Salary negotiations are stressful - a lot is at stake and although most people know they can and should negotiate, few people feel comfortable about how to do it, especially if their new job is in a higher paying field than they’ve ever worked in before.
Here’s my guide to asking for more money in a way that feels collaborative.
Make sure you are ready to talk about money for a potential job before the company brings it up. Do research on the job and the field and be ready to give a salary expectation. Here are some specifics:
Recruiter: What are you currently making?
You: My salary expectation is $104,000/year
Recruiter: Thank you, but can you tell me what you are making now, please?
You: I would prefer to stick to my salary expectation, since I’m [switching fields/completing my degree/working as a freelancer/whatever your situation is] and that gives you a much clearer idea of what I’m looking for than my current salary.
That’s great news! Make sure you reply right away, without committing to anything. Here’s some phrasing: “I’m thrilled to get this offer! Your company seems like an incredible place to work. I will review the offer and get back to you with any questions by [date about 2 business days from now].”
One of the things I most often see people struggling with in negotiations is how to frame asking for more in a way that doesn’t feel overly aggressive, combative or off-putting. Women, gender minorities and BIPOC folks are often taught that there is a steep price to pay for coming off the wrong way. I don’t want to wave away any of that. One thing to keep in mind is that if a company punishes you for negotiating your salary, they will be a terrible company to work for. You may need to take the job anyways, so don’t ignore your instincts, but if you are in this situation, don’t stop your job hunt, even if you take the job. The consequences of job hopping are not nearly as high as the consequences of being stuck in a job at a hostile company.
It is not only ok to negotiate from a collaborative and positive place rather than a combative one, it is preferable. You don’t have to say, “give me more, or I won’t take the offer.” Instead, keep everything really positive. “I’m excited about coming to work for your company. I’d be able to enthusiastically accept your offer if you can increase the salary to $174,000 and add an extra week of vacation for my first year. I made vacation plans this year with my current vacation time in mind, and I’d like to be able to keep those plans while coming over to your company.” Notice in this example, I explained why the vacation time was important, but not the salary increase. If you have a reason for something you are asking for, it’s often good to share that, but you don’t need to give one for everything.
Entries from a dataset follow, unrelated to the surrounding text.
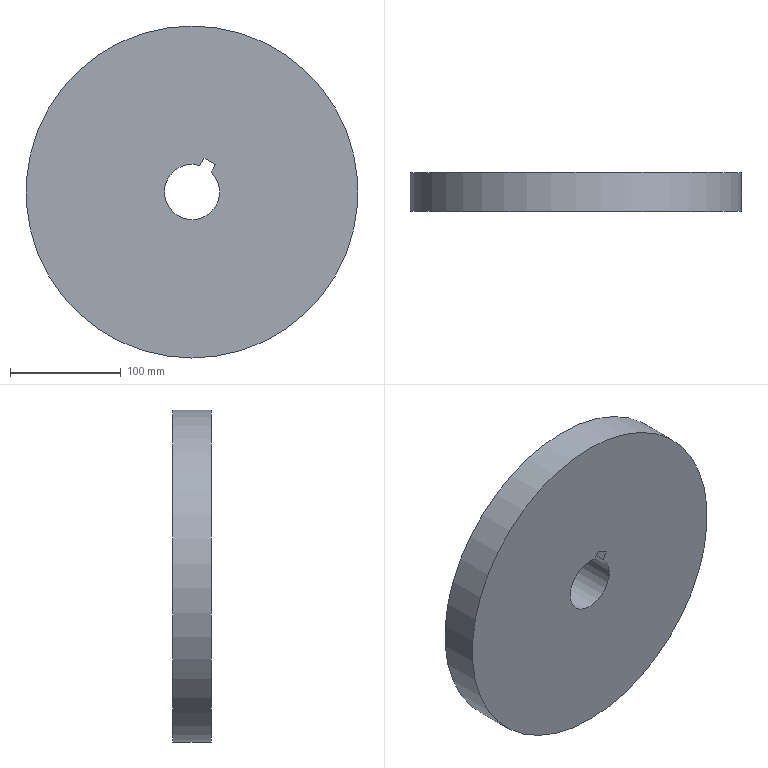Component | NX | TAS | 1 solid | 7 faces | box 300 x 35 x 300 mm | volume 2402240 mm3 | plane 5 | cylinder 2 | commonest cylinder face diameters 300 x1 50 x1
STEP:
#1=CARTESIAN_POINT('',(0.,0.,0.));
#2=DIRECTION('',(0.,0.,1.));
#3=DIRECTION('',(1.,0.,0.));
#4=AXIS2_PLACEMENT_3D('',#1,#2,#3);
#5=CARTESIAN_POINT('',(-1145.062,827.425,250.713));
#6=VERTEX_POINT('',#5);
#7=CARTESIAN_POINT('',(-1148.928,827.425,244.018));
#8=VERTEX_POINT('',#7);
#9=CARTESIAN_POINT('',(-1145.062,827.425,250.713));
#10=DIRECTION('',(-0.5,0.,-0.866));
#11=VECTOR('',#10,1.);
#12=LINE('',#9,#11);
#13=CARTESIAN_POINT('',(-1145.062,792.425,250.713));
#14=DIRECTION('',(0.866,0.,-0.5));
#15=DIRECTION('',(0.5,0.,0.866));
#16=AXIS2_PLACEMENT_3D('',#13,#14,#15);
#17=PLANE('',#16);
#18=CARTESIAN_POINT('',(0.,-35.));
#19=DIRECTION('',(-1.,0.));
#20=VECTOR('',#19,1.);
#21=LINE('',#18,#20);
#22=(GEOMETRIC_REPRESENTATION_CONTEXT(2)PARAMETRIC_REPRESENTATION_CONTEXT()REPRESENTATION_CONTEXT('',''));
#23=DEFINITIONAL_REPRESENTATION('',(#21),#22);
#24=PCURVE('',#17,#23);
#25=CARTESIAN_POINT('',(-1155.866,827.425,220.));
#26=DIRECTION('',(0.,-1.,0.));
#27=DIRECTION('',(-0.5,0.,-0.866));
#28=AXIS2_PLACEMENT_3D('',#25,#26,#27);
#29=PLANE('',#28);
#30=CARTESIAN_POINT('',(-32.,-6.));
#31=DIRECTION('',(1.,-0.));
#32=VECTOR('',#31,1.);
#33=LINE('',#30,#32);
#34=(GEOMETRIC_REPRESENTATION_CONTEXT(2)PARAMETRIC_REPRESENTATION_CONTEXT()REPRESENTATION_CONTEXT('',''));
#35=DEFINITIONAL_REPRESENTATION('',(#33),#34);
#36=PCURVE('',#29,#35);
#37=SURFACE_CURVE('',#12,(#24,#36),.PCURVE_S1.);
#38=EDGE_CURVE('',#6,#8,#37,.T.);
#39=ORIENTED_EDGE('',*,*,#38,.F.);
#40=CARTESIAN_POINT('',(-1145.062,792.425,250.713));
#41=VERTEX_POINT('',#40);
#42=CARTESIAN_POINT('',(-1145.062,792.425,250.713));
#43=DIRECTION('',(0.,1.,0.));
#44=VECTOR('',#43,1.);
#45=LINE('',#42,#44);
#46=CARTESIAN_POINT('',(0.,0.));
#47=DIRECTION('',(0.,-1.));
#48=VECTOR('',#47,1.);
#49=LINE('',#46,#48);
#50=(GEOMETRIC_REPRESENTATION_CONTEXT(2)PARAMETRIC_REPRESENTATION_CONTEXT()REPRESENTATION_CONTEXT('',''));
#51=DEFINITIONAL_REPRESENTATION('',(#49),#50);
#52=PCURVE('',#17,#51);
#53=CARTESIAN_POINT('',(-1134.67,792.425,244.713));
#54=DIRECTION('',(-0.5,0.,-0.866));
#55=DIRECTION('',(0.866,0.,-0.5));
#56=AXIS2_PLACEMENT_3D('',#53,#54,#55);
#57=PLANE('',#56);
#58=CARTESIAN_POINT('',(-12.,0.));
#59=DIRECTION('',(0.,-1.));
#60=VECTOR('',#59,1.);
#61=LINE('',#58,#60);
#62=(GEOMETRIC_REPRESENTATION_CONTEXT(2)PARAMETRIC_REPRESENTATION_CONTEXT()REPRESENTATION_CONTEXT('',''));
#63=DEFINITIONAL_REPRESENTATION('',(#61),#62);
#64=PCURVE('',#57,#63);
#65=SURFACE_CURVE('',#45,(#52,#64),.PCURVE_S1.);
#66=EDGE_CURVE('',#41,#6,#65,.T.);
#67=ORIENTED_EDGE('',*,*,#66,.F.);
#68=CARTESIAN_POINT('',(-1148.928,792.425,244.018));
#69=VERTEX_POINT('',#68);
#70=CARTESIAN_POINT('',(-1145.062,792.425,250.713));
#71=DIRECTION('',(-0.5,0.,-0.866));
#72=VECTOR('',#71,1.);
#73=LINE('',#70,#72);
#74=CARTESIAN_POINT('',(0.,0.));
#75=DIRECTION('',(-1.,0.));
#76=VECTOR('',#75,1.);
#77=LINE('',#74,#76);
#78=(GEOMETRIC_REPRESENTATION_CONTEXT(2)PARAMETRIC_REPRESENTATION_CONTEXT()REPRESENTATION_CONTEXT('',''));
#79=DEFINITIONAL_REPRESENTATION('',(#77),#78);
#80=PCURVE('',#17,#79);
#81=CARTESIAN_POINT('',(-1155.866,792.425,220.));
#82=DIRECTION('',(0.,-1.,0.));
#83=DIRECTION('',(-0.5,0.,-0.866));
#84=AXIS2_PLACEMENT_3D('',#81,#82,#83);
#85=PLANE('',#84);
#86=CARTESIAN_POINT('',(-32.,-6.));
#87=DIRECTION('',(1.,-0.));
#88=VECTOR('',#87,1.);
#89=LINE('',#86,#88);
#90=(GEOMETRIC_REPRESENTATION_CONTEXT(2)PARAMETRIC_REPRESENTATION_CONTEXT()REPRESENTATION_CONTEXT('',''));
#91=DEFINITIONAL_REPRESENTATION('',(#89),#90);
#92=PCURVE('',#85,#91);
#93=SURFACE_CURVE('',#73,(#80,#92),.PCURVE_S1.);
#94=EDGE_CURVE('',#41,#69,#93,.T.);
#95=ORIENTED_EDGE('',*,*,#94,.T.);
#96=CARTESIAN_POINT('',(-1148.928,792.425,244.018));
#97=DIRECTION('',(0.,1.,0.));
#98=VECTOR('',#97,1.);
#99=LINE('',#96,#98);
#100=CARTESIAN_POINT('',(-7.731,0.));
#101=DIRECTION('',(0.,-1.));
#102=VECTOR('',#101,1.);
#103=LINE('',#100,#102);
#104=(GEOMETRIC_REPRESENTATION_CONTEXT(2)PARAMETRIC_REPRESENTATION_CONTEXT()REPRESENTATION_CONTEXT('',''));
#105=DEFINITIONAL_REPRESENTATION('',(#103),#104);
#106=PCURVE('',#17,#105);
#107=CARTESIAN_POINT('',(-1155.866,792.425,220.));
#108=DIRECTION('',(0.,1.,0.));
#109=DIRECTION('',(0.5,0.,0.866));
#110=AXIS2_PLACEMENT_3D('',#107,#108,#109);
#111=CYLINDRICAL_SURFACE('',#110,25.);
#112=CARTESIAN_POINT('',(6.041,0.));
#113=DIRECTION('',(0.,1.));
#114=VECTOR('',#113,1.);
#115=LINE('',#112,#114);
#116=(GEOMETRIC_REPRESENTATION_CONTEXT(2)PARAMETRIC_REPRESENTATION_CONTEXT()REPRESENTATION_CONTEXT('',''));
#117=DEFINITIONAL_REPRESENTATION('',(#115),#116);
#118=PCURVE('',#111,#117);
#119=SURFACE_CURVE('',#99,(#106,#118),.PCURVE_S1.);
#120=EDGE_CURVE('',#69,#8,#119,.T.);
#121=ORIENTED_EDGE('',*,*,#120,.T.);
#122=EDGE_LOOP('',(#39,#67,#95,#121));
#123=FACE_BOUND('',#122,.T.);
#124=ADVANCED_FACE('',(#123),#17,.T.);
#125=CARTESIAN_POINT('',(-1134.67,827.425,244.713));
#126=VERTEX_POINT('',#125);
#127=CARTESIAN_POINT('',(-1134.67,827.425,244.713));
#128=DIRECTION('',(-0.866,0.,0.5));
#129=VECTOR('',#128,1.);
#130=LINE('',#127,#129);
#131=CARTESIAN_POINT('',(0.,-35.));
#132=DIRECTION('',(-1.,0.));
#133=VECTOR('',#132,1.);
#134=LINE('',#131,#133);
#135=(GEOMETRIC_REPRESENTATION_CONTEXT(2)PARAMETRIC_REPRESENTATION_CONTEXT()REPRESENTATION_CONTEXT('',''));
#136=DEFINITIONAL_REPRESENTATION('',(#134),#135);
#137=PCURVE('',#57,#136);
#138=CARTESIAN_POINT('',(-32.,6.));
#139=DIRECTION('',(-0.,-1.));
#140=VECTOR('',#139,1.);
#141=LINE('',#138,#140);
#142=(GEOMETRIC_REPRESENTATION_CONTEXT(2)PARAMETRIC_REPRESENTATION_CONTEXT()REPRESENTATION_CONTEXT('',''));
#143=DEFINITIONAL_REPRESENTATION('',(#141),#142);
#144=PCURVE('',#29,#143);
#145=SURFACE_CURVE('',#130,(#137,#144),.PCURVE_S1.);
#146=EDGE_CURVE('',#126,#6,#145,.T.);
#147=ORIENTED_EDGE('',*,*,#146,.F.);
#148=CARTESIAN_POINT('',(-1134.67,792.425,244.713));
#149=VERTEX_POINT('',#148);
#150=CARTESIAN_POINT('',(-1134.67,792.425,244.713));
#151=DIRECTION('',(0.,1.,0.));
#152=VECTOR('',#151,1.);
#153=LINE('',#150,#152);
#154=CARTESIAN_POINT('',(0.,0.));
#155=DIRECTION('',(0.,-1.));
#156=VECTOR('',#155,1.);
#157=LINE('',#154,#156);
#158=(GEOMETRIC_REPRESENTATION_CONTEXT(2)PARAMETRIC_REPRESENTATION_CONTEXT()REPRESENTATION_CONTEXT('',''));
#159=DEFINITIONAL_REPRESENTATION('',(#157),#158);
#160=PCURVE('',#57,#159);
#161=CARTESIAN_POINT('',(-1138.535,792.425,238.018));
#162=DIRECTION('',(-0.866,0.,0.5));
#163=DIRECTION('',(-0.5,0.,-0.866));
#164=AXIS2_PLACEMENT_3D('',#161,#162,#163);
#165=PLANE('',#164);
#166=CARTESIAN_POINT('',(-7.731,0.));
#167=DIRECTION('',(0.,-1.));
#168=VECTOR('',#167,1.);
#169=LINE('',#166,#168);
#170=(GEOMETRIC_REPRESENTATION_CONTEXT(2)PARAMETRIC_REPRESENTATION_CONTEXT()REPRESENTATION_CONTEXT('',''));
#171=DEFINITIONAL_REPRESENTATION('',(#169),#170);
#172=PCURVE('',#165,#171);
#173=SURFACE_CURVE('',#153,(#160,#172),.PCURVE_S1.);
#174=EDGE_CURVE('',#149,#126,#173,.T.);
#175=ORIENTED_EDGE('',*,*,#174,.F.);
#176=CARTESIAN_POINT('',(-1134.67,792.425,244.713));
#177=DIRECTION('',(-0.866,0.,0.5));
#178=VECTOR('',#177,1.);
#179=LINE('',#176,#178);
#180=CARTESIAN_POINT('',(0.,0.));
#181=DIRECTION('',(-1.,0.));
#182=VECTOR('',#181,1.);
#183=LINE('',#180,#182);
#184=(GEOMETRIC_REPRESENTATION_CONTEXT(2)PARAMETRIC_REPRESENTATION_CONTEXT()REPRESENTATION_CONTEXT('',''));
#185=DEFINITIONAL_REPRESENTATION('',(#183),#184);
#186=PCURVE('',#57,#185);
#187=CARTESIAN_POINT('',(-32.,6.));
#188=DIRECTION('',(-0.,-1.));
#189=VECTOR('',#188,1.);
#190=LINE('',#187,#189);
#191=(GEOMETRIC_REPRESENTATION_CONTEXT(2)PARAMETRIC_REPRESENTATION_CONTEXT()REPRESENTATION_CONTEXT('',''));
#192=DEFINITIONAL_REPRESENTATION('',(#190),#191);
#193=PCURVE('',#85,#192);
#194=SURFACE_CURVE('',#179,(#186,#193),.PCURVE_S1.);
#195=EDGE_CURVE('',#149,#41,#194,.T.);
#196=ORIENTED_EDGE('',*,*,#195,.T.);
#197=ORIENTED_EDGE('',*,*,#66,.T.);
#198=EDGE_LOOP('',(#147,#175,#196,#197));
#199=FACE_BOUND('',#198,.T.);
#200=ADVANCED_FACE('',(#199),#57,.T.);
#201=CARTESIAN_POINT('',(-1138.535,827.425,238.018));
#202=VERTEX_POINT('',#201);
#203=CARTESIAN_POINT('',(-1138.535,827.425,238.018));
#204=DIRECTION('',(0.5,0.,0.866));
#205=VECTOR('',#204,1.);
#206=LINE('',#203,#205);
#207=CARTESIAN_POINT('',(0.,-35.));
#208=DIRECTION('',(-1.,0.));
#209=VECTOR('',#208,1.);
#210=LINE('',#207,#209);
#211=(GEOMETRIC_REPRESENTATION_CONTEXT(2)PARAMETRIC_REPRESENTATION_CONTEXT()REPRESENTATION_CONTEXT('',''));
#212=DEFINITIONAL_REPRESENTATION('',(#210),#211);
#213=PCURVE('',#165,#212);
#214=CARTESIAN_POINT('',(-24.269,6.));
#215=DIRECTION('',(-1.,-0.));
#216=VECTOR('',#215,1.);
#217=LINE('',#214,#216);
#218=(GEOMETRIC_REPRESENTATION_CONTEXT(2)PARAMETRIC_REPRESENTATION_CONTEXT()REPRESENTATION_CONTEXT('',''));
#219=DEFINITIONAL_REPRESENTATION('',(#217),#218);
#220=PCURVE('',#29,#219);
#221=SURFACE_CURVE('',#206,(#213,#220),.PCURVE_S1.);
#222=EDGE_CURVE('',#202,#126,#221,.T.);
#223=ORIENTED_EDGE('',*,*,#222,.F.);
#224=CARTESIAN_POINT('',(-1138.535,792.425,238.018));
#225=VERTEX_POINT('',#224);
#226=CARTESIAN_POINT('',(-1138.535,792.425,238.018));
#227=DIRECTION('',(0.,1.,0.));
#228=VECTOR('',#227,1.);
#229=LINE('',#226,#228);
#230=CARTESIAN_POINT('',(0.,0.));
#231=DIRECTION('',(0.,-1.));
#232=VECTOR('',#231,1.);
#233=LINE('',#230,#232);
#234=(GEOMETRIC_REPRESENTATION_CONTEXT(2)PARAMETRIC_REPRESENTATION_CONTEXT()REPRESENTATION_CONTEXT('',''));
#235=DEFINITIONAL_REPRESENTATION('',(#233),#234);
#236=PCURVE('',#165,#235);
#237=CARTESIAN_POINT('',(0.2424,0.));
#238=DIRECTION('',(0.,1.));
#239=VECTOR('',#238,1.);
#240=LINE('',#237,#239);
#241=(GEOMETRIC_REPRESENTATION_CONTEXT(2)PARAMETRIC_REPRESENTATION_CONTEXT()REPRESENTATION_CONTEXT('',''));
#242=DEFINITIONAL_REPRESENTATION('',(#240),#241);
#243=PCURVE('',#111,#242);
#244=SURFACE_CURVE('',#229,(#236,#243),.PCURVE_S1.);
#245=EDGE_CURVE('',#225,#202,#244,.T.);
#246=ORIENTED_EDGE('',*,*,#245,.F.);
#247=CARTESIAN_POINT('',(-1138.535,792.425,238.018));
#248=DIRECTION('',(0.5,0.,0.866));
#249=VECTOR('',#248,1.);
#250=LINE('',#247,#249);
#251=CARTESIAN_POINT('',(0.,0.));
#252=DIRECTION('',(-1.,0.));
#253=VECTOR('',#252,1.);
#254=LINE('',#251,#253);
#255=(GEOMETRIC_REPRESENTATION_CONTEXT(2)PARAMETRIC_REPRESENTATION_CONTEXT()REPRESENTATION_CONTEXT('',''));
#256=DEFINITIONAL_REPRESENTATION('',(#254),#255);
#257=PCURVE('',#165,#256);
#258=CARTESIAN_POINT('',(-24.269,6.));
#259=DIRECTION('',(-1.,-0.));
#260=VECTOR('',#259,1.);
#261=LINE('',#258,#260);
#262=(GEOMETRIC_REPRESENTATION_CONTEXT(2)PARAMETRIC_REPRESENTATION_CONTEXT()REPRESENTATION_CONTEXT('',''));
#263=DEFINITIONAL_REPRESENTATION('',(#261),#262);
#264=PCURVE('',#85,#263);
#265=SURFACE_CURVE('',#250,(#257,#264),.PCURVE_S1.);
#266=EDGE_CURVE('',#225,#149,#265,.T.);
#267=ORIENTED_EDGE('',*,*,#266,.T.);
#268=ORIENTED_EDGE('',*,*,#174,.T.);
#269=EDGE_LOOP('',(#223,#246,#267,#268));
#270=FACE_BOUND('',#269,.T.);
#271=ADVANCED_FACE('',(#270),#165,.T.);
#272=CARTESIAN_POINT('',(-1025.962,792.425,145.));
#273=VERTEX_POINT('',#272);
#274=CARTESIAN_POINT('',(-1155.866,792.425,220.));
#275=DIRECTION('',(0.,-1.,0.));
#276=DIRECTION('',(0.866,0.,-0.5));
#277=AXIS2_PLACEMENT_3D('',#274,#275,#276);
#278=CIRCLE('',#277,150.);
#279=CARTESIAN_POINT('',(-1155.866,792.425,220.));
#280=DIRECTION('',(0.,1.,0.));
#281=DIRECTION('',(0.5,0.,0.866));
#282=AXIS2_PLACEMENT_3D('',#279,#280,#281);
#283=CYLINDRICAL_SURFACE('',#282,150.);
#284=CARTESIAN_POINT('',(7.854,0.));
#285=DIRECTION('',(-1.,0.));
#286=VECTOR('',#285,1.);
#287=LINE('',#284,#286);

Make sure you don’t lie. Getting caught in a lie will put you in a bad place and may even get your offer revoked. “I would need $82,000 to be able to accept this offer” is an ok thing to say if it’s true. If it’s not, and they say that $79,000 is the best they can do, that puts you in a tough spot. Better would be to say, “Can you bring the offer up to $82,000?” It’s simple and straight-forward.
If you are switching careers, this might be a huge jump in salary. I went from making around $35,000 before grad school to over $100,000 after grad school. It can seem ridiculous to ask for more money when you are making this big of a leap. However, keep in mind that the recruiter or hiring manager is acclimated to the salary range for the new job, not your previous one. If they made an offer, asking them to increase that offer by 10% will not seem absurd to them. It will seem normal. You do not need to justify asking for that. Just ask.
Remember, they not only want to hire you, they want you to be happy working there for a long time. That means it’s not in their best interests to lowball you. Even if you accept a too low offer, you are unlikely to be happy there long term. You are trying to be on the same team.
I’ll be honest, I didn’t negotiate that job offer right out of grad school. I don’t regret it either. It was part of a program and it was a standard offer. A friend of mine in the same program did try to negotiate and was told no, so I didn’t miss out on anything. I am glad I’ve learned a lot about negotiating since then. I’m unlikely to get a standard offer ever again. I say this for transparency, and also to encourage you not to feel bad if you don’t try to negotiate or if you try and aren’t able to get an increase. Each situation is different. Hopefully, this guide will help you make a new comfort zone where you ask for more money with confidence, or at least ask for more money better prepared. Good luck. Your skills and experience are needed and should be compensated.